1. Anduril
Over the last year, Anduril has struck a series of deals that demonstrate the company's growth from a disruptive defense industry startup to one of the leaders in a critical sector.
In April 2024, Anduril was one of two companies selected by the U.S. Air Force to build and test drone prototypes for the service's Collaborative Combat Aircraft program, the first in a new generation of uncrewed fighter aircraft, and a contract in which it beat out traditional defense stalwarts Boeing, Lockheed Martin and Northrop Grumman.
And as defense moves into the AI era, Anduril has also been working more closely with the tech sector to create the military of the future. In December, Anduril partnered with fellow Disruptor 50 company OpenAI on deployment of an advanced AI system for U.S. counter-unmanned aircraft systems to be used in "national security missions."
In February, Anduril took over Microsoft's multibillion-dollar Integrated Visual Augmentation System wearables program with the U.S. Army, a contract that was valued at nearly $22 billion. Then in May, Anduril teamed up with Meta to develop the VR and AR headsets for use by the U.S. Army as part of that program.
"Anduril has a lot of traction," founder Palmer Luckey said in a CNBC interview in February.
That traction has led to a rapid rise in the company's valuation. Last August, Anduril closed a Series F round, valuing the company at $14 billion and securing $1.5 billion in funding to build a more than five-million-square-foot factory, in addition to other investments in production across multiple states and in Australia. An announcement last week of a $2.5 billion Series G more than doubled that valuation to $30.5 billion, making it one of the most highly valued private tech companies in the U.S.
It's hard to separate any one accomplishment from the rest for Anduril, but perhaps it's the company's push into the military headsets that signals the next era of disruption for the company but also takes things back full circle for Luckey, who sold his headset startup Oculus VR to Facebook for $2 billion in 2014, and was unceremoniously fired just a few years later.

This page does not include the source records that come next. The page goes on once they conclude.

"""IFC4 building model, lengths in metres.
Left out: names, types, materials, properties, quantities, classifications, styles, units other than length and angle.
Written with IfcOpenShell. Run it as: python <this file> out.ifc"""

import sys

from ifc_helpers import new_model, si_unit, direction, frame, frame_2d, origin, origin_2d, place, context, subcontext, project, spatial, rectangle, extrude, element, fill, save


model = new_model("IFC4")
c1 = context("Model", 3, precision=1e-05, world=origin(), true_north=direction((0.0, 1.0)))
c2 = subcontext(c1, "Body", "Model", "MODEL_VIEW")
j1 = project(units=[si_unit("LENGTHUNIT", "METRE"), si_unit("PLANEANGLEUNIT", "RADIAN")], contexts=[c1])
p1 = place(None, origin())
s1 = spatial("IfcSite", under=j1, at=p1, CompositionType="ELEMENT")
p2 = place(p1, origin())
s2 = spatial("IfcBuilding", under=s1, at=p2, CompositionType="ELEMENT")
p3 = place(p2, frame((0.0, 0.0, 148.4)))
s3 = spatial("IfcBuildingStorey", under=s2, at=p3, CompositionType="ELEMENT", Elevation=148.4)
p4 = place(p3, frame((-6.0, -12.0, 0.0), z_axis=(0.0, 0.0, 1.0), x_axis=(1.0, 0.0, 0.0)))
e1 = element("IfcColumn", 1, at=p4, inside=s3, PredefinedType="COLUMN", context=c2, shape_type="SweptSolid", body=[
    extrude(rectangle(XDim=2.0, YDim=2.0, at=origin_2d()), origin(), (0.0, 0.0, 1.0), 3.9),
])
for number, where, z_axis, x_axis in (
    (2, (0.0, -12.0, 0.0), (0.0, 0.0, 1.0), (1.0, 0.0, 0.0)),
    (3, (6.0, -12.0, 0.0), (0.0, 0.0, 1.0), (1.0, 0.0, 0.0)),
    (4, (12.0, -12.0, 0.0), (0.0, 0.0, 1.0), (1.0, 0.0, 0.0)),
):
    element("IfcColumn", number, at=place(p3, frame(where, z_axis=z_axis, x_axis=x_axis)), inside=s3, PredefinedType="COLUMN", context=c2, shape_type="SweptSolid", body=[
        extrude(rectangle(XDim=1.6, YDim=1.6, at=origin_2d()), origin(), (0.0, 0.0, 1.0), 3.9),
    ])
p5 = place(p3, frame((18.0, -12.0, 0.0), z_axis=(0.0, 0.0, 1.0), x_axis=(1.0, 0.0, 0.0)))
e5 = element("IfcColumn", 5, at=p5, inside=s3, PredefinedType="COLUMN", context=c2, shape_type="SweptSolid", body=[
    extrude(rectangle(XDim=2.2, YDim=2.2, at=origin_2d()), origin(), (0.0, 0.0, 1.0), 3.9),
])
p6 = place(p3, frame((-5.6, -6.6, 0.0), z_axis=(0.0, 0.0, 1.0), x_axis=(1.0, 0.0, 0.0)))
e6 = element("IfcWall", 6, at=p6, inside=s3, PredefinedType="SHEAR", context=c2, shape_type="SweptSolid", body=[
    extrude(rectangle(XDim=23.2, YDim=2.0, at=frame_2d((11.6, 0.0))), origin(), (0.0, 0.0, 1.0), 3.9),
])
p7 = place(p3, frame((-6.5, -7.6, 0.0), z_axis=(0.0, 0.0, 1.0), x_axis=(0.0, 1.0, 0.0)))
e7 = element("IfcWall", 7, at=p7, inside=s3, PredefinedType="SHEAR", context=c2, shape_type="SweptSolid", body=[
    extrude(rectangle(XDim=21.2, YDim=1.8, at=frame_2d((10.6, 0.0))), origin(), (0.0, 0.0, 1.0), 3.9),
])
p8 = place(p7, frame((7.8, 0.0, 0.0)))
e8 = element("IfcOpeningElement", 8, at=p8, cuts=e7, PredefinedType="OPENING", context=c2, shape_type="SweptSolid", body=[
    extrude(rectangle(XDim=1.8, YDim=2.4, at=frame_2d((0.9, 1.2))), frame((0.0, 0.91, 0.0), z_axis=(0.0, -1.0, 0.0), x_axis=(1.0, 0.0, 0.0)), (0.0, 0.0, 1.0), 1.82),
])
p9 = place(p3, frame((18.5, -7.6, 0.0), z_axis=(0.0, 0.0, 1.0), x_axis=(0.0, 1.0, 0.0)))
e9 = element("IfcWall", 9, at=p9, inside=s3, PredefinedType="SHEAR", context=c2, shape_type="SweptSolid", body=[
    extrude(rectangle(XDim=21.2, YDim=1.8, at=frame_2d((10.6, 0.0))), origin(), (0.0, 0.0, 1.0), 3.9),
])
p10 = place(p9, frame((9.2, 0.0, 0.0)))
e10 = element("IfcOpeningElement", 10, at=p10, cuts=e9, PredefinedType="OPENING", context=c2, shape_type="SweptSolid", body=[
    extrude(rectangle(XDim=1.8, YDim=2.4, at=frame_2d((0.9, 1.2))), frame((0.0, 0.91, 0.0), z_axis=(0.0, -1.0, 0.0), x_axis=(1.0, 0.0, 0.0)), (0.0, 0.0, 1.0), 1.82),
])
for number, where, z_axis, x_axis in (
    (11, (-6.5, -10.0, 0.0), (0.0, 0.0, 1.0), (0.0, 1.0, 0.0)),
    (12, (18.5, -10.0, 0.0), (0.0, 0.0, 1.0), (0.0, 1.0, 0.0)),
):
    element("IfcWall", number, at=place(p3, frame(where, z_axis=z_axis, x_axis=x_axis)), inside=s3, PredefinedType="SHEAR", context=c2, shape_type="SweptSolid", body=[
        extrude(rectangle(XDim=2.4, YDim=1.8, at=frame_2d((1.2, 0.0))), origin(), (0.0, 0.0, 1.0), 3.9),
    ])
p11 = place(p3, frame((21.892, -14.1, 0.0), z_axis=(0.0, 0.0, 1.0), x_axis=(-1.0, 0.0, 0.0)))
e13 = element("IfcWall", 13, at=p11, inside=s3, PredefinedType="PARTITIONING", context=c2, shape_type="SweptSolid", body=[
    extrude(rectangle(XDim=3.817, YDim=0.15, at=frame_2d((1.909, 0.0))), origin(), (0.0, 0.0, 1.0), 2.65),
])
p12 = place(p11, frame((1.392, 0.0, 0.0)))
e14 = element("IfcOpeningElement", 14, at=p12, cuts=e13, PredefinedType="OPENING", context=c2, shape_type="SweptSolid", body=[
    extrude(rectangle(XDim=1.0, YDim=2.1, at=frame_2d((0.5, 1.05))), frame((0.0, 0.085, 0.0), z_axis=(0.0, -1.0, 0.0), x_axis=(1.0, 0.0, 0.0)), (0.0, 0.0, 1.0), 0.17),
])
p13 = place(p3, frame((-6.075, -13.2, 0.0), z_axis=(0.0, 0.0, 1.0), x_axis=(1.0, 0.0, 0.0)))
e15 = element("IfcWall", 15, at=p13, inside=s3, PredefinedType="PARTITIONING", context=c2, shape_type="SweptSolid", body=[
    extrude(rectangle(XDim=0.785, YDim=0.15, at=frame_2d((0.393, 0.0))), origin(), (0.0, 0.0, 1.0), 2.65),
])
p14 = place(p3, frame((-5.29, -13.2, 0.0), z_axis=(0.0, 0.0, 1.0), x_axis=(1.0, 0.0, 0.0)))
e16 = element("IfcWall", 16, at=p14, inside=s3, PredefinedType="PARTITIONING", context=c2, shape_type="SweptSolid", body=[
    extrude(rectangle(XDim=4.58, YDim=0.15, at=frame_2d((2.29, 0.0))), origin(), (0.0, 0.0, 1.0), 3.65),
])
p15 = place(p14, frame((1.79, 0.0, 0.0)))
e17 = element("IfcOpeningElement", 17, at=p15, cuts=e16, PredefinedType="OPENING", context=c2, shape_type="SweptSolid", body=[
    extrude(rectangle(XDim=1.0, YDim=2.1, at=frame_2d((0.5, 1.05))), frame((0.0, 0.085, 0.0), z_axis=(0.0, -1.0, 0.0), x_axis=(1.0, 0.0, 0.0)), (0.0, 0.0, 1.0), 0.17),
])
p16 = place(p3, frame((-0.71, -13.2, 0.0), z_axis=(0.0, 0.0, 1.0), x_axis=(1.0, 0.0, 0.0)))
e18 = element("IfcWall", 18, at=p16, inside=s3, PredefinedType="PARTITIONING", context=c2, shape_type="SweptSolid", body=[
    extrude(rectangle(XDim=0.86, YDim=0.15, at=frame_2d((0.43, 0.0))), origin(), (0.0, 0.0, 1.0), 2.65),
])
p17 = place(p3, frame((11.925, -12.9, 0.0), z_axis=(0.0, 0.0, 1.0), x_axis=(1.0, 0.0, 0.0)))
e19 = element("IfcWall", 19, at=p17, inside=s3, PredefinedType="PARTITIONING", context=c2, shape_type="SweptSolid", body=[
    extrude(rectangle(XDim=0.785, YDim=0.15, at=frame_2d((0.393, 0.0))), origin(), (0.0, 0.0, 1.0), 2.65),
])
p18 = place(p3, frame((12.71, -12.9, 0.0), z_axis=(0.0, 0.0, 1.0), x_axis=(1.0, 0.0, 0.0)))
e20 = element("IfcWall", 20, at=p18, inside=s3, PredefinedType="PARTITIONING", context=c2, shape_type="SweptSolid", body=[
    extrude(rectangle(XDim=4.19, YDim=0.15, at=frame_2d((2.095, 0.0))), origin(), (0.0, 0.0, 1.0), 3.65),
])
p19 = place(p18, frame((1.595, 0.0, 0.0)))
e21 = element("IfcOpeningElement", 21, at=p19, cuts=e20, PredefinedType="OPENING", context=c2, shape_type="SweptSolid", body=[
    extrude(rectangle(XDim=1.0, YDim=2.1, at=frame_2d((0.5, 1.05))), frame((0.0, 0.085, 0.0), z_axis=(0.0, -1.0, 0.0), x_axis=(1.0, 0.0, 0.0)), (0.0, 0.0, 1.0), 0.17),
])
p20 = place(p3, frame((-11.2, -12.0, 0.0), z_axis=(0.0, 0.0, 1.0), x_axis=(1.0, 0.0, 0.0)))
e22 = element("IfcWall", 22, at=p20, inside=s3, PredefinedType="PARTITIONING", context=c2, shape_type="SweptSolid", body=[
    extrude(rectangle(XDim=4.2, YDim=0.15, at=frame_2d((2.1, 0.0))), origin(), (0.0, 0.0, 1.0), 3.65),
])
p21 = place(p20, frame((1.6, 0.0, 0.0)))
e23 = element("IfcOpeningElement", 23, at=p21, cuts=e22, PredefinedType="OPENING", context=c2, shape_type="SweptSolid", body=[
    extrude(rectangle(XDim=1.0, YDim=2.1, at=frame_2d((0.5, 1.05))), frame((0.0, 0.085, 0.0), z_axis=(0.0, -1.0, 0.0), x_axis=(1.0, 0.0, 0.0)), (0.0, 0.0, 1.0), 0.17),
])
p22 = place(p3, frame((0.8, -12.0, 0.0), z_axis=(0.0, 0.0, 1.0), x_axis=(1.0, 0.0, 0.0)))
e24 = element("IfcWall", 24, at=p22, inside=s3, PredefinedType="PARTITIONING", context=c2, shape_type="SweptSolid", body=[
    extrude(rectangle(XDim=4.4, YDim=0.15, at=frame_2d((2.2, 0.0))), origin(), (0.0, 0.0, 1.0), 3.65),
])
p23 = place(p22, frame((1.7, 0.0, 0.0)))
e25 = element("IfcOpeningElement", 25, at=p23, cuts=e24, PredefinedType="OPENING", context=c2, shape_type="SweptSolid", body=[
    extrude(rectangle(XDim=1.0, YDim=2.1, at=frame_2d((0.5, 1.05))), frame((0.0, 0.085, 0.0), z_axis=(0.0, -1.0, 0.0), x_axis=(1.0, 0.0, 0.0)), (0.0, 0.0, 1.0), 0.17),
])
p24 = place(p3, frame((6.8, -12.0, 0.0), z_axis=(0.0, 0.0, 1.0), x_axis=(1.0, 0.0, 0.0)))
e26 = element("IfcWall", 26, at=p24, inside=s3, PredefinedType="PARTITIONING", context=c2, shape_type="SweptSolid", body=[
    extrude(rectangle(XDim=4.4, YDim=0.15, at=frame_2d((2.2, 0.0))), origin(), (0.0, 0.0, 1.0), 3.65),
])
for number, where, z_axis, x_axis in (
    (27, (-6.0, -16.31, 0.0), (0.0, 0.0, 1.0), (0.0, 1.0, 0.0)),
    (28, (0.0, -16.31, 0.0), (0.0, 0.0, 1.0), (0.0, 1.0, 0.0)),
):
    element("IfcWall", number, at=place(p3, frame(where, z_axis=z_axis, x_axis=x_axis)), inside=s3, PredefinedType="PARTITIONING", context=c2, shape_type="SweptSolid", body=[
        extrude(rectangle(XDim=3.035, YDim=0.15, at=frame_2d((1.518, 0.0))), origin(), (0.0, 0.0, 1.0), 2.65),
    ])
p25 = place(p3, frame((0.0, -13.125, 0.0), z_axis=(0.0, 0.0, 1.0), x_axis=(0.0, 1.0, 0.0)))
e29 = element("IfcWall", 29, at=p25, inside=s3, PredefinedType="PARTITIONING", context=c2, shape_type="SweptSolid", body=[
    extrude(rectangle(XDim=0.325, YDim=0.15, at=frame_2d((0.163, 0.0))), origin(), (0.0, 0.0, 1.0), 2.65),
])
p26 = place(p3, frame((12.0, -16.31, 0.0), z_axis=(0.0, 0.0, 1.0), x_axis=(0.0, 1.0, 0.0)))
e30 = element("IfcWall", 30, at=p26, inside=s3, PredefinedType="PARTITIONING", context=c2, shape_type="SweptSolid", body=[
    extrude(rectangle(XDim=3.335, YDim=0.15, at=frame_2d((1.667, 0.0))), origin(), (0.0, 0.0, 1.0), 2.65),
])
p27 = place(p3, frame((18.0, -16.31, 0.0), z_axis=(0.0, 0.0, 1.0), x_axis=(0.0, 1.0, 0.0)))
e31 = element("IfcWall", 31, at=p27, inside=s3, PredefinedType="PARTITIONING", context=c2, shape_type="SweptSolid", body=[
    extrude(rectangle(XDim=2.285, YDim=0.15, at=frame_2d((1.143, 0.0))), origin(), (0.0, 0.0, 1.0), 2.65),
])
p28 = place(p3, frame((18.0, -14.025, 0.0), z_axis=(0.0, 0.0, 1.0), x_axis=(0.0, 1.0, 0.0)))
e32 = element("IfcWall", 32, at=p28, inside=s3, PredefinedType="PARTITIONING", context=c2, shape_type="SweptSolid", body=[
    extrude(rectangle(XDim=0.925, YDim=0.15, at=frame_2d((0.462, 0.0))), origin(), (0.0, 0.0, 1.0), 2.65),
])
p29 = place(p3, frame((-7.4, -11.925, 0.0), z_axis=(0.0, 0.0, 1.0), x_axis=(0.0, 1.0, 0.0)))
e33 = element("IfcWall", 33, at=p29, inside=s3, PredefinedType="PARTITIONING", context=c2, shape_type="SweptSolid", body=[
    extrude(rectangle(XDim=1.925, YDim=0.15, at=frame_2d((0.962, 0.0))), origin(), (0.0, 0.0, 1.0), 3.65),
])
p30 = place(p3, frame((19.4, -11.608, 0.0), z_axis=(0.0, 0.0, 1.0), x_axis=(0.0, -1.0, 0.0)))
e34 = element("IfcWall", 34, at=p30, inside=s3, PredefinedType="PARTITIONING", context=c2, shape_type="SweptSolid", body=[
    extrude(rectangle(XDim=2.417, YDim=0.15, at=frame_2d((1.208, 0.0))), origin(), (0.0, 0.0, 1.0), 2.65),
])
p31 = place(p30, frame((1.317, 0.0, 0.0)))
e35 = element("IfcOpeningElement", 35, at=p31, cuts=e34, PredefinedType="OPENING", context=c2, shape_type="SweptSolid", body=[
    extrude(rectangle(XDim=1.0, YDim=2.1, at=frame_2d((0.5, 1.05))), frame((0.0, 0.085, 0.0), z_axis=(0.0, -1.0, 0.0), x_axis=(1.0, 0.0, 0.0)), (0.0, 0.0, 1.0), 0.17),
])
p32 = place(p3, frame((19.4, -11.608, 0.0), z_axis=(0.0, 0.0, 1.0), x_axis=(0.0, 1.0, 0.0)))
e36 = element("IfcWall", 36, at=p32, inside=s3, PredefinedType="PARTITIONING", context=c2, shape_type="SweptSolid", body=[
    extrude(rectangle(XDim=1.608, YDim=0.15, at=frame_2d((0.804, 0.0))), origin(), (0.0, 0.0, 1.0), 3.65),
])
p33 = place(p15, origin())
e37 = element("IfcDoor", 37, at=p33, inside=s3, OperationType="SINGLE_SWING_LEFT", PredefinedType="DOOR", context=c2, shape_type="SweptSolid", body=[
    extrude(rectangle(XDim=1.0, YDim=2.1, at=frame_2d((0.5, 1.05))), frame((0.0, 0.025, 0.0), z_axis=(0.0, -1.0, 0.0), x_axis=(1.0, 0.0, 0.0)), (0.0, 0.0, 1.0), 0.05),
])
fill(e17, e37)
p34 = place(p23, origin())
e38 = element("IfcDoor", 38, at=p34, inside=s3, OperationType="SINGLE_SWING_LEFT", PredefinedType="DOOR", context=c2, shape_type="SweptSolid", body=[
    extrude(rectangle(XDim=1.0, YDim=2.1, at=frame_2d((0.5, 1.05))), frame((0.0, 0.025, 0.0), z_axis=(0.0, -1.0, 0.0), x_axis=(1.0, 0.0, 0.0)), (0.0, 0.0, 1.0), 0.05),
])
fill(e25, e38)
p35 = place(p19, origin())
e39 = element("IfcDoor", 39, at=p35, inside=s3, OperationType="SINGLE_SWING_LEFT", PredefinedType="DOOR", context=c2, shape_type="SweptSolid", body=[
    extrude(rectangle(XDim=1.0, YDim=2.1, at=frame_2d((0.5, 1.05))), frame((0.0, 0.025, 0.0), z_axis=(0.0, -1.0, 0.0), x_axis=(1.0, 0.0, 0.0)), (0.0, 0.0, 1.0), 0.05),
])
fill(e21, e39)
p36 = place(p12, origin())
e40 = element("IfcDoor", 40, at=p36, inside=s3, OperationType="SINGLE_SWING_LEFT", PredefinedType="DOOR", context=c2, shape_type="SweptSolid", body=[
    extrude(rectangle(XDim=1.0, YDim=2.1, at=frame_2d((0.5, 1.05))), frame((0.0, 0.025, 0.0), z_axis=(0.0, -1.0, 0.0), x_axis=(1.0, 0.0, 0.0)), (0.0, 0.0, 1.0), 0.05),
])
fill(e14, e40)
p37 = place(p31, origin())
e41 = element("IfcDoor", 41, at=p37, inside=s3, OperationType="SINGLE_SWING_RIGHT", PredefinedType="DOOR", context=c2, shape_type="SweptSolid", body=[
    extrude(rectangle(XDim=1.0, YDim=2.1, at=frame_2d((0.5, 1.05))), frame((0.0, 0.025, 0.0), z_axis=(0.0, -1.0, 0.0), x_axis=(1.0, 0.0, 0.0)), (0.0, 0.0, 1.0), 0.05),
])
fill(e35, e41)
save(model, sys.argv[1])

"Anduril builds a lot of different systems across a lot of different domains — so air, land, sea, subsea, space, cyberspace, and eventually subterranean," Luckey said in the February CNBC interview. "[Integrated visual augmentation systems] and systems like it are going to be the portal through which the warfighter commands and controls all of these different autonomous weapons and autonomous sensors."
Luckey has spoken at length about his vision of putting such a tool in the hands of soldiers, in a vein that maybe still seems science fiction film and writing, but which he says will create a world that grants "not just the ability to see the thermal, visual and near IR spectrum, but the ability to see into a digital model of the past, present and future, and just seamlessly team with large packs of autonomous weapons."
Of Anduril's deal with Meta, Luckey said, "Of all the areas where dual-use technology can make a difference for America, this is the one I am most excited about. My mission has long been to turn warfighters into technomancers, and the products we are building with Meta do just that."
With technology, warfare and defense becoming more intertwined, and at a time of increased focus on efficient government budgets that Anduril's product-based model is based on, the company is clearly now one of the major players in a sector it set out to disrupt only a few years ago, and is perhaps even starting to chart a path well beyond the battlefield.
"I'm a believer that we're going to mediate our view of the world with technology," Palmer told CNBC.